Flavors of Algorithms

Mathematicians also consider various variants of the above definition where one or another of the provisions are altered.

Kleene himself has mentioned some flavors by considering alternatives to his constraint that the class of questions must be “countably infinite”.36 This is a rather technical requirement whose practical consequence is to require that there must be a way to write down all the questions in the class with finitely many symbols in a finite alphabet.

If the questions are infinite in numbers but not “countably infinite” we allow computation models where we use infinite precision arithmetic, that is all the real numbers are elaborated with the full expansion of their infinitely long decimals. This is akin to analog computers, except that the law of physics and the errors of the instruments are such that analog computations don't really have infinite precision.

If there is a finite number of questions then, according to Kleene,37 the algorithm is reducible to a table where corresponding inputs and outputs are stored, assuming we have enough storage capacity. Then, the computation of the algorithm becomes a simple table lookup operation. Kleene himself admits that although such a table may be constructed in principle, in practice it may not be available. He himself brings algorithms for the game of chess as an example of this circumstance.

Other flavors arise when one removes the requirements of termination or determinacy. Werner Kluge explains why this is sometimes done.38 (emphasis in the original)

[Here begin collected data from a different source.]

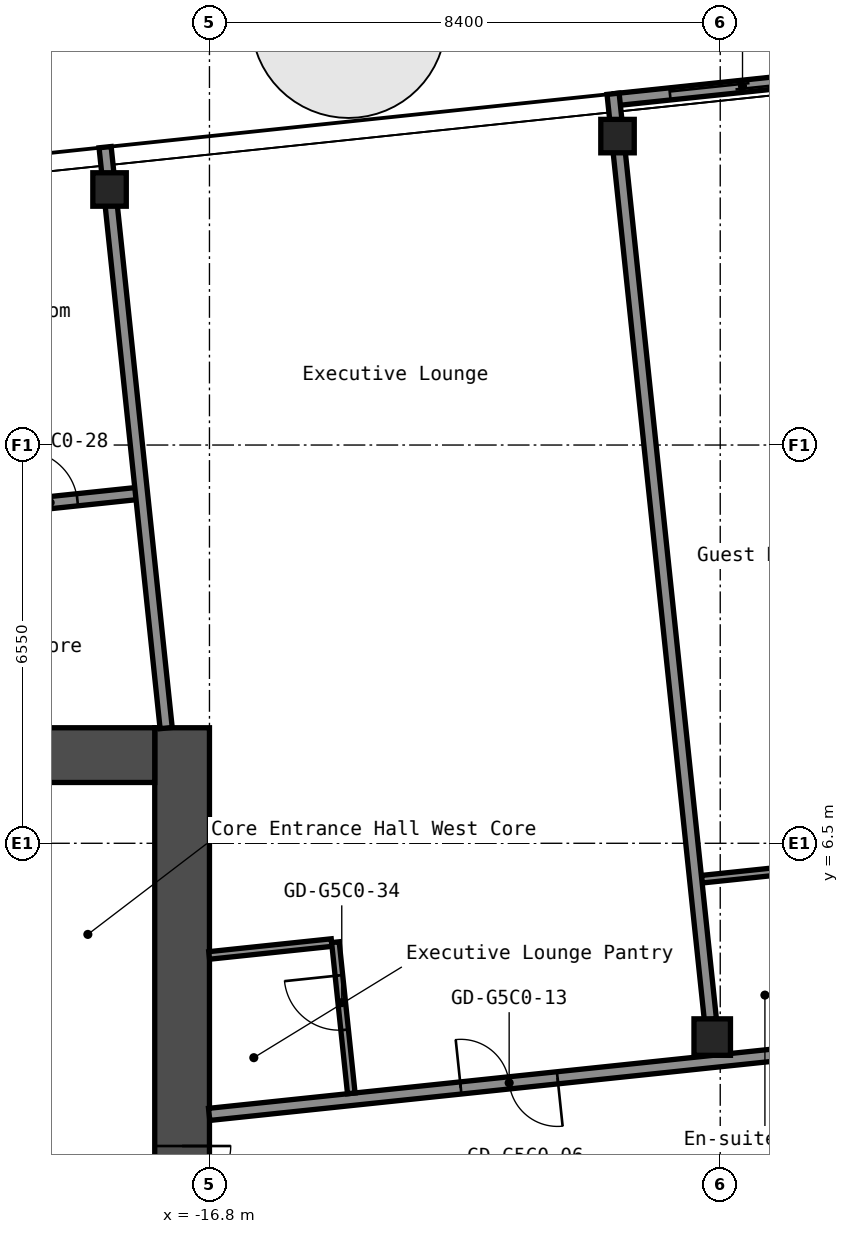
"""IFC4 building model, lengths in metres.
Left out: names, types, materials, properties, quantities, classifications, styles, units other than length and angle.
Written with IfcOpenShell. Run it as: python <this file> out.ifc"""

import sys

from ifc_helpers import new_model, si_unit, direction, frame, frame_2d, origin, origin_2d, place, context, subcontext, project, spatial, rectangle, hollow_rectangle, extrude, element, fill, save


model = new_model("IFC4")
c1 = context("Model", 3, precision=1e-05, world=origin(), true_north=direction((0.0, 1.0)))
c2 = subcontext(c1, "Body", "Model", "MODEL_VIEW")
j1 = project(units=[si_unit("LENGTHUNIT", "METRE"), si_unit("PLANEANGLEUNIT", "RADIAN")], contexts=[c1])
p1 = place(None, origin())
s1 = spatial("IfcSite", under=j1, at=p1, CompositionType="ELEMENT")
p2 = place(p1, origin())
s2 = spatial("IfcBuilding", under=s1, at=p2, CompositionType="ELEMENT")
p3 = place(p2, frame((0.0, 0.0, 245.4)))
s3 = spatial("IfcBuildingStorey", under=s2, at=p3, CompositionType="ELEMENT", Elevation=245.4)
p4 = place(p3, frame((-18.443, 17.253, 0.0), z_axis=(0.0, 0.0, 1.0), x_axis=(1.0, 0.0, 0.0)))
e1 = element("IfcColumn", 1, at=p4, inside=s3, PredefinedType="COLUMN", context=c2, shape_type="SweptSolid", body=[
    extrude(hollow_rectangle(XDim=0.55, YDim=0.55, WallThickness=0.022, InnerFilletRadius=0.033, OuterFilletRadius=0.055, at=origin_2d()), origin(), (0.0, 0.0, 1.0), 2.75),
])
p5 = place(p3, frame((-8.532, 3.312, 0.0), z_axis=(0.0, 0.0, 1.0), x_axis=(1.0, 0.0, 0.0)))
e2 = element("IfcColumn", 2, at=p5, inside=s3, PredefinedType="COLUMN", context=c2, shape_type="SweptSolid", body=[
    extrude(hollow_rectangle(XDim=0.6, YDim=0.6, WallThickness=0.025, InnerFilletRadius=0.038, OuterFilletRadius=0.062, at=origin_2d()), origin(), (0.0, 0.0, 1.0), 2.75),
])
p6 = place(p3, frame((-10.089, 18.131, 0.0), z_axis=(0.0, 0.0, 1.0), x_axis=(1.0, 0.0, 0.0)))
e3 = element("IfcColumn", 3, at=p6, inside=s3, PredefinedType="COLUMN", context=c2, shape_type="SweptSolid", body=[
    extrude(hollow_rectangle(XDim=0.55, YDim=0.55, WallThickness=0.022, InnerFilletRadius=0.033, OuterFilletRadius=0.055, at=origin_2d()), origin(), (0.0, 0.0, 1.0), 2.75),
])
p7 = place(p3, frame((-17.25, -8.4, 0.0), z_axis=(0.0, 0.0, 1.0), x_axis=(0.0, 1.0, 0.0)))
e4 = element("IfcWall", 4, at=p7, inside=s3, PredefinedType="SHEAR", context=c2, shape_type="SweptSolid", body=[
    extrude(rectangle(XDim=16.8, YDim=0.9, at=frame_2d((8.4, 0.0))), origin(), (0.0, 0.0, 1.0), 2.75),
])
p8 = place(p7, frame((8.321, 0.0, 0.0)))
e5 = element("IfcOpeningElement", 5, at=p8, cuts=e4, PredefinedType="OPENING", context=c2, shape_type="SweptSolid", body=[
    extrude(rectangle(XDim=1.6, YDim=2.1, at=frame_2d((0.8, 1.05))), frame((0.0, 0.46, 0.0), z_axis=(0.0, -1.0, 0.0), x_axis=(1.0, 0.0, 0.0)), (0.0, 0.0, 1.0), 0.92),
])
p9 = place(p3, frame((-32.7, 7.95, 0.0), z_axis=(0.0, 0.0, 1.0), x_axis=(1.0, 0.0, 0.0)))
e6 = element("IfcWall", 6, at=p9, inside=s3, PredefinedType="SHEAR", context=c2, shape_type="SweptSolid", body=[
    extrude(rectangle(XDim=15.0, YDim=0.9, at=frame_2d((7.5, 0.0))), origin(), (0.0, 0.0, 1.0), 2.75),
])
p10 = place(p9, frame((3.4, 0.0, 0.0)))
e7 = element("IfcOpeningElement", 7, at=p10, cuts=e6, PredefinedType="OPENING", context=c2, shape_type="SweptSolid", body=[
    extrude(rectangle(XDim=1.2, YDim=2.1, at=frame_2d((0.6, 1.05))), frame((0.0, 0.46, 0.0), z_axis=(0.0, -1.0, 0.0), x_axis=(1.0, 0.0, 0.0)), (0.0, 0.0, 1.0), 0.92),
])
p11 = place(p9, frame((0.75, 0.0, 0.0)))
e8 = element("IfcOpeningElement", 8, at=p11, cuts=e6, PredefinedType="OPENING", context=c2, shape_type="SweptSolid", body=[
    extrude(rectangle(XDim=0.9, YDim=2.1, at=frame_2d((0.45, 1.05))), frame((0.0, 0.46, 0.0), z_axis=(0.0, -1.0, 0.0), x_axis=(1.0, 0.0, 0.0)), (0.0, 0.0, 1.0), 0.92),
])
p12 = place(p3, frame((-16.572, -0.549, 0.0), z_axis=(0.0, 0.0, 1.0), x_axis=(0.994521146831, 0.104535584879, 0.0)))
e9 = element("IfcWall", 9, at=p12, inside=s3, PredefinedType="PARTITIONING", context=c2, shape_type="SweptSolid", body=[
    extrude(rectangle(XDim=33.561, YDim=0.2, at=frame_2d((16.78, 0.0))), origin(), (0.0, 0.0, 1.0), 2.75),
])
p13 = place(p12, frame((4.2, 0.0, 0.0)))
e10 = element("IfcOpeningElement", 10, at=p13, cuts=e9, PredefinedType="OPENING", context=c2, shape_type="SweptSolid", body=[
    extrude(rectangle(XDim=1.6, YDim=2.1, at=frame_2d((0.8, 1.05))), frame((0.0, 0.11, 0.0), z_axis=(0.0, -1.0, 0.0), x_axis=(1.0, 0.0, 0.0)), (0.0, 0.0, 1.0), 0.22),
])
p14 = place(p12, frame((11.25, 0.0, 0.0)))
e11 = element("IfcOpeningElement", 11, at=p14, cuts=e9, PredefinedType="OPENING", context=c2, shape_type="SweptSolid", body=[
    extrude(rectangle(XDim=1.0, YDim=2.1, at=frame_2d((0.5, 1.05))), frame((0.0, 0.11, 0.0), z_axis=(0.0, -1.0, 0.0), x_axis=(1.0, 0.0, 0.0)), (0.0, 0.0, 1.0), 0.22),
])
p15 = place(p12, frame((12.95, 0.0, 0.0)))
e12 = element("IfcOpeningElement", 12, at=p15, cuts=e9, PredefinedType="OPENING", context=c2, shape_type="SweptSolid", body=[
    extrude(rectangle(XDim=1.0, YDim=2.1, at=frame_2d((0.5, 1.05))), frame((0.0, 0.11, 0.0), z_axis=(0.0, -1.0, 0.0), x_axis=(1.0, 0.0, 0.0)), (0.0, 0.0, 1.0), 0.22),
])
p16 = place(p12, frame((18.2, 0.0, 0.0)))
e13 = element("IfcOpeningElement", 13, at=p16, cuts=e9, PredefinedType="OPENING", context=c2, shape_type="SweptSolid", body=[
    extrude(rectangle(XDim=0.9, YDim=2.1, at=frame_2d((0.45, 1.05))), frame((0.0, 0.11, 0.0), z_axis=(0.0, -1.0, 0.0), x_axis=(1.0, 0.0, 0.0)), (0.0, 0.0, 1.0), 0.22),
])
p17 = place(p12, frame((22.4, 0.0, 0.0)))
e14 = element("IfcOpeningElement", 14, at=p17, cuts=e9, PredefinedType="OPENING", context=c2, shape_type="SweptSolid", body=[
    extrude(rectangle(XDim=0.9, YDim=2.1, at=frame_2d((0.45, 1.05))), frame((0.0, 0.11, 0.0), z_axis=(0.0, -1.0, 0.0), x_axis=(1.0, 0.0, 0.0)), (0.0, 0.0, 1.0), 0.22),
])
p18 = place(p12, frame((26.345, 0.0, 0.0)))
e15 = element("IfcOpeningElement", 15, at=p18, cuts=e9, PredefinedType="OPENING", context=c2, shape_type="SweptSolid", body=[
    extrude(rectangle(XDim=0.9, YDim=2.1, at=frame_2d((0.45, 1.05))), frame((0.0, 0.11, 0.0), z_axis=(0.0, -1.0, 0.0), x_axis=(1.0, 0.0, 0.0)), (0.0, 0.0, 1.0), 0.22),
])
p19 = place(p12, frame((30.545, 0.0, 0.0)))
e16 = element("IfcOpeningElement", 16, at=p19, cuts=e9, PredefinedType="OPENING", context=c2, shape_type="SweptSolid", body=[
    extrude(rectangle(XDim=0.9, YDim=2.1, at=frame_2d((0.45, 1.05))), frame((0.0, 0.11, 0.0), z_axis=(0.0, -1.0, 0.0), x_axis=(1.0, 0.0, 0.0)), (0.0, 0.0, 1.0), 0.22),
])
p20 = place(p3, frame((-16.805, 2.041, 0.0), z_axis=(0.0, 0.0, 1.0), x_axis=(0.994521146831, 0.104535584879, 0.0)))
e17 = element("IfcWall", 17, at=p20, inside=s3, PredefinedType="PARTITIONING", context=c2, shape_type="SweptSolid", body=[
    extrude(rectangle(XDim=33.561, YDim=0.2, at=frame_2d((16.78, 0.0))), origin(), (0.0, 0.0, 1.0), 2.75),
])
p21 = place(p20, frame((4.161, 0.0, 0.0)))
e18 = element("IfcOpeningElement", 18, at=p21, cuts=e17, PredefinedType="OPENING", context=c2, shape_type="SweptSolid", body=[
    extrude(rectangle(XDim=1.6, YDim=2.1, at=frame_2d((0.8, 1.05))), frame((0.0, 0.11, 0.0), z_axis=(0.0, -1.0, 0.0), x_axis=(1.0, 0.0, 0.0)), (0.0, 0.0, 1.0), 0.22),
])
p22 = place(p20, frame((11.211, 0.0, 0.0)))
e19 = element("IfcOpeningElement", 19, at=p22, cuts=e17, PredefinedType="OPENING", context=c2, shape_type="SweptSolid", body=[
    extrude(rectangle(XDim=1.0, YDim=2.1, at=frame_2d((0.5, 1.05))), frame((0.0, 0.11, 0.0), z_axis=(0.0, -1.0, 0.0), x_axis=(1.0, 0.0, 0.0)), (0.0, 0.0, 1.0), 0.22),
])
p23 = place(p20, frame((12.911, 0.0, 0.0)))
e20 = element("IfcOpeningElement", 20, at=p23, cuts=e17, PredefinedType="OPENING", context=c2, shape_type="SweptSolid", body=[
    extrude(rectangle(XDim=1.0, YDim=2.1, at=frame_2d((0.5, 1.05))), frame((0.0, 0.11, 0.0), z_axis=(0.0, -1.0, 0.0), x_axis=(1.0, 0.0, 0.0)), (0.0, 0.0, 1.0), 0.22),
])
p24 = place(p20, frame((18.241, 0.0, 0.0)))
e21 = element("IfcOpeningElement", 21, at=p24, cuts=e17, PredefinedType="OPENING", context=c2, shape_type="SweptSolid", body=[
    extrude(rectangle(XDim=0.9, YDim=2.1, at=frame_2d((0.45, 1.05))), frame((0.0, 0.11, 0.0), z_axis=(0.0, -1.0, 0.0), x_axis=(1.0, 0.0, 0.0)), (0.0, 0.0, 1.0), 0.22),
])
p25 = place(p20, frame((22.441, 0.0, 0.0)))
e22 = element("IfcOpeningElement", 22, at=p25, cuts=e17, PredefinedType="OPENING", context=c2, shape_type="SweptSolid", body=[
    extrude(rectangle(XDim=0.9, YDim=2.1, at=frame_2d((0.45, 1.05))), frame((0.0, 0.11, 0.0), z_axis=(0.0, -1.0, 0.0), x_axis=(1.0, 0.0, 0.0)), (0.0, 0.0, 1.0), 0.22),
])
p26 = place(p20, frame((29.361, 0.0, 0.0)))
e23 = element("IfcOpeningElement", 23, at=p26, cuts=e17, PredefinedType="OPENING", context=c2, shape_type="SweptSolid", body=[
    extrude(rectangle(XDim=1.6, YDim=2.1, at=frame_2d((0.8, 1.05))), frame((0.0, 0.11, 0.0), z_axis=(0.0, -1.0, 0.0), x_axis=(1.0, 0.0, 0.0)), (0.0, 0.0, 1.0), 0.22),
])
p27 = place(p3, frame((-16.805, 4.655, 0.0), z_axis=(0.0, 0.0, 1.0), x_axis=(0.994521955988, 0.104527886512, 0.0)))
e24 = element("IfcWall", 24, at=p27, inside=s3, PredefinedType="PARTITIONING", context=c2, shape_type="SweptSolid", body=[
    extrude(rectangle(XDim=2.025, YDim=0.125, at=frame_2d((1.012, 0.0))), origin(), (0.0, 0.0, 1.0), 2.75),
])
p28 = place(p3, frame((-8.704, 5.909, 0.0), z_axis=(0.0, 0.0, 1.0), x_axis=(0.994530605544, 0.104445558238, 0.0)))
e25 = element("IfcWall", 25, at=p28, inside=s3, PredefinedType="PARTITIONING", context=c2, shape_type="SweptSolid", body=[
    extrude(rectangle(XDim=2.337, YDim=0.125, at=frame_2d((1.169, 0.0))), origin(), (0.0, 0.0, 1.0), 2.75),
])
p29 = place(p3, frame((-39.102, 10.034, 0.0), z_axis=(0.0, 0.0, 1.0), x_axis=(0.994522585465, 0.104521897229, 0.0)))
e26 = element("IfcWall", 26, at=p29, inside=s3, PredefinedType="PARTITIONING", context=c2, shape_type="SweptSolid", body=[
    extrude(rectangle(XDim=21.3, YDim=0.2, at=frame_2d((10.65, 0.0))), origin(), (0.0, 0.0, 1.0), 2.75),
])
p30 = place(p29, frame((3.05, 0.0, 0.0)))
e27 = element("IfcOpeningElement", 27, at=p30, cuts=e26, PredefinedType="OPENING", context=c2, shape_type="SweptSolid", body=[
    extrude(rectangle(XDim=1.0, YDim=2.1, at=frame_2d((0.5, 1.05))), frame((0.0, 0.11, 0.0), z_axis=(0.0, -1.0, 0.0), x_axis=(1.0, 0.0, 0.0)), (0.0, 0.0, 1.0), 0.22),
])
p31 = place(p29, frame((7.2, 0.0, 0.0)))
e28 = element("IfcOpeningElement", 28, at=p31, cuts=e26, PredefinedType="OPENING", context=c2, shape_type="SweptSolid", body=[
    extrude(rectangle(XDim=1.0, YDim=2.1, at=frame_2d((0.5, 1.05))), frame((0.0, 0.11, 0.0), z_axis=(0.0, -1.0, 0.0), x_axis=(1.0, 0.0, 0.0)), (0.0, 0.0, 1.0), 0.22),
])
p32 = place(p29, frame((9.2, 0.0, 0.0)))
e29 = element("IfcOpeningElement", 29, at=p32, cuts=e26, PredefinedType="OPENING", context=c2, shape_type="SweptSolid", body=[
    extrude(rectangle(XDim=1.0, YDim=2.1, at=frame_2d((0.5, 1.05))), frame((0.0, 0.11, 0.0), z_axis=(0.0, -1.0, 0.0), x_axis=(1.0, 0.0, 0.0)), (0.0, 0.0, 1.0), 0.22),
])
p33 = place(p29, frame((15.14, 0.0, 0.0)))
e30 = element("IfcOpeningElement", 30, at=p33, cuts=e26, PredefinedType="OPENING", context=c2, shape_type="SweptSolid", body=[
    extrude(rectangle(XDim=0.9, YDim=2.1, at=frame_2d((0.45, 1.05))), frame((0.0, 0.11, 0.0), z_axis=(0.0, -1.0, 0.0), x_axis=(1.0, 0.0, 0.0)), (0.0, 0.0, 1.0), 0.22),
])
p34 = place(p29, frame((19.34, 0.0, 0.0)))
e31 = element("IfcOpeningElement", 31, at=p34, cuts=e26, PredefinedType="OPENING", context=c2, shape_type="SweptSolid", body=[
    extrude(rectangle(XDim=0.9, YDim=2.1, at=frame_2d((0.45, 1.05))), frame((0.0, 0.11, 0.0), z_axis=(0.0, -1.0, 0.0), x_axis=(1.0, 0.0, 0.0)), (0.0, 0.0, 1.0), 0.22),
])
p35 = place(p3, frame((-17.512, 8.395, 0.0), z_axis=(0.0, 0.0, 1.0), x_axis=(-0.104524714473, 0.994522289375, 0.0)))
e32 = element("IfcWall", 32, at=p35, inside=s3, PredefinedType="PARTITIONING", context=c2, shape_type="SweptSolid", body=[
    extrude(rectangle(XDim=9.607, YDim=0.2, at=frame_2d((4.803, 0.0))), origin(), (0.0, 0.0, 1.0), 2.75),
])
p36 = place(p3, frame((-14.468, 2.387, 0.0), z_axis=(0.0, 0.0, 1.0), x_axis=(-0.104491611519, 0.994525767953, 0.0)))
e33 = element("IfcWall", 33, at=p36, inside=s3, PredefinedType="PARTITIONING", context=c2, shape_type="SweptSolid", body=[
    extrude(rectangle(XDim=2.5, YDim=0.125, at=frame_2d((1.25, 0.0))), origin(), (0.0, 0.0, 1.0), 2.75),
])
p37 = place(p36, frame((1.05, 0.0, 0.0)))
e34 = element("IfcOpeningElement", 34, at=p37, cuts=e33, PredefinedType="OPENING", context=c2, shape_type="SweptSolid", body=[
    extrude(rectangle(XDim=0.9, YDim=2.1, at=frame_2d((0.45, 1.05))), frame((0.0, 0.073, 0.0), z_axis=(0.0, -1.0, 0.0), x_axis=(1.0, 0.0, 0.0)), (0.0, 0.0, 1.0), 0.145),
])
p38 = place(p3, frame((-8.562, 3.603, 0.0), z_axis=(0.0, 0.0, 1.0), x_axis=(-0.104523729364, 0.99452239291, 0.0)))
e35 = element("IfcWall", 35, at=p38, inside=s3, PredefinedType="PARTITIONING", context=c2, shape_type="SweptSolid", body=[
    extrude(rectangle(XDim=15.308, YDim=0.2, at=frame_2d((7.654, 0.0))), origin(), (0.0, 0.0, 1.0), 2.75),
])
p39 = place(p3, frame((-5.935, 19.171, 0.0), z_axis=(0.0, 0.0, 1.0), x_axis=(-0.994520974641, -0.104537223034, 0.0)))
p40 = place(p39, frame((0.91, 0.0, 0.0)))
p41 = place(p40, frame((2.4, 0.0, 0.0), z_axis=(0.0, 0.0, 1.0), x_axis=(-1.0, 0.0, 0.0)))
e36 = element("IfcDoor", 36, at=p41, inside=s3, OperationType="SLIDING_TO_LEFT", PredefinedType="DOOR", context=c2, shape_type="SweptSolid", body=[
    extrude(rectangle(XDim=2.4, YDim=2.2, at=frame_2d((1.2, 1.1))), frame((0.0, 0.025, 0.0), z_axis=(0.0, -1.0, 0.0), x_axis=(1.0, 0.0, 0.0)), (0.0, 0.0, 1.0), 0.05),
])
p42 = place(p8, origin())
e37 = element("IfcDoor", 37, at=p42, inside=s3, OperationType="DOUBLE_DOOR_SINGLE_SWING", PredefinedType="DOOR", context=c2, shape_type="SweptSolid", body=[
    extrude(rectangle(XDim=1.6, YDim=2.1, at=frame_2d((0.8, 1.05))), frame((0.0, 0.025, 0.0), z_axis=(0.0, -1.0, 0.0), x_axis=(1.0, 0.0, 0.0)), (0.0, 0.0, 1.0), 0.05),
])
fill(e5, e37)
p43 = place(p21, origin())
e38 = element("IfcDoor", 38, at=p43, inside=s3, OperationType="DOUBLE_DOOR_SINGLE_SWING", PredefinedType="DOOR", context=c2, shape_type="SweptSolid", body=[
    extrude(rectangle(XDim=1.6, YDim=2.1, at=frame_2d((0.8, 1.05))), frame((0.0, 0.025, 0.0), z_axis=(0.0, -1.0, 0.0), x_axis=(1.0, 0.0, 0.0)), (0.0, 0.0, 1.0), 0.05),
])
fill(e18, e38)
p44 = place(p34, origin())
e39 = element("IfcDoor", 39, at=p44, inside=s3, OperationType="SINGLE_SWING_RIGHT", PredefinedType="DOOR", context=c2, shape_type="SweptSolid", body=[
    extrude(rectangle(XDim=0.9, YDim=2.1, at=frame_2d((0.45, 1.05))), frame((0.0, 0.025, 0.0), z_axis=(0.0, -1.0, 0.0), x_axis=(1.0, 0.0, 0.0)), (0.0, 0.0, 1.0), 0.05),
])
fill(e31, e39)
p45 = place(p37, origin())
e40 = element("IfcDoor", 40, at=p45, inside=s3, OperationType="SINGLE_SWING_LEFT", PredefinedType="DOOR", context=c2, shape_type="SweptSolid", body=[
    extrude(rectangle(XDim=0.9, YDim=2.1, at=frame_2d((0.45, 1.05))), frame((0.0, 0.025, 0.0), z_axis=(0.0, -1.0, 0.0), x_axis=(1.0, 0.0, 0.0)), (0.0, 0.0, 1.0), 0.05),
])
fill(e34, e40)
save(model, sys.argv[1])

However, termination and determinacy of results may not necessarily be desirable algorithmic properties. On the one hand there are algorithms that (hopefully) never terminate but nevertheless do something useful. Well-known examples are the very basic cycle of issuing a prompter, reading a command line, and splitting off (and eventually synchronizing with) a shell process for its interpretation, as it is repeatedly executed by a UNIX shell, or, on a larger scale of several interacting algorithms, the operating system kernel as a whole. which must never terminate unless the system is shut down.

On the other hand, there are term rewrite and logic-based systems where the transformation rules are integral part of the algorithm themselves. Given the freedom of specifying two of more alternative rules for some of the constructs, these algorithms may produce different problem solutions for the same input parameters, depending on the order of rule applications.

Sometimes one encounters the objection that computer implemented processes are not mathematical because real-life computations as performed in actual computers have non deterministic elements. Such objections have no foundations in mathematics. Nondeterministic algorithms and probabilistic algorithms are part of mathematics.

Still more flavors may arise when one considers the possibility of parallel computing and distributed computing where several agents cooperate in the execution of the algorithm.

The potential difficulty for the courts of keeping track of all these flavors and determining where are the boundaries of mathematics is part of why I propose the model of computation approach. This procedure eschews the need of defining exactly the extent of the notion of mathematical algorithm. A specific model of computation that is known from mathematical literature can be tested on the instant patented method with mathematical rigor. Besides this is how mathematicians themselves eschew the difficulties of defining the term algorithm. They use models of computation to circumscribe their studies to classes of algorithms that support rigorous mathematical definitions.


The Correlation with Pencil and Paper Calculations

The particular flavor of algorithm captured by Kleene's definition is an important one. It corresponds to the notion of a computation that could be performed, in principle, by a human working with pencil and paper using only the information that is explicit in the written symbols and the rules governing the computation. Use of of human insight or ingenuity beyond what is required to a strict application of the rule is forbidden. As Kleene puts it “In performing the steps we have only to follow the instructions mechanically, like robots; no insight or ingenuity or intervention is required of us.”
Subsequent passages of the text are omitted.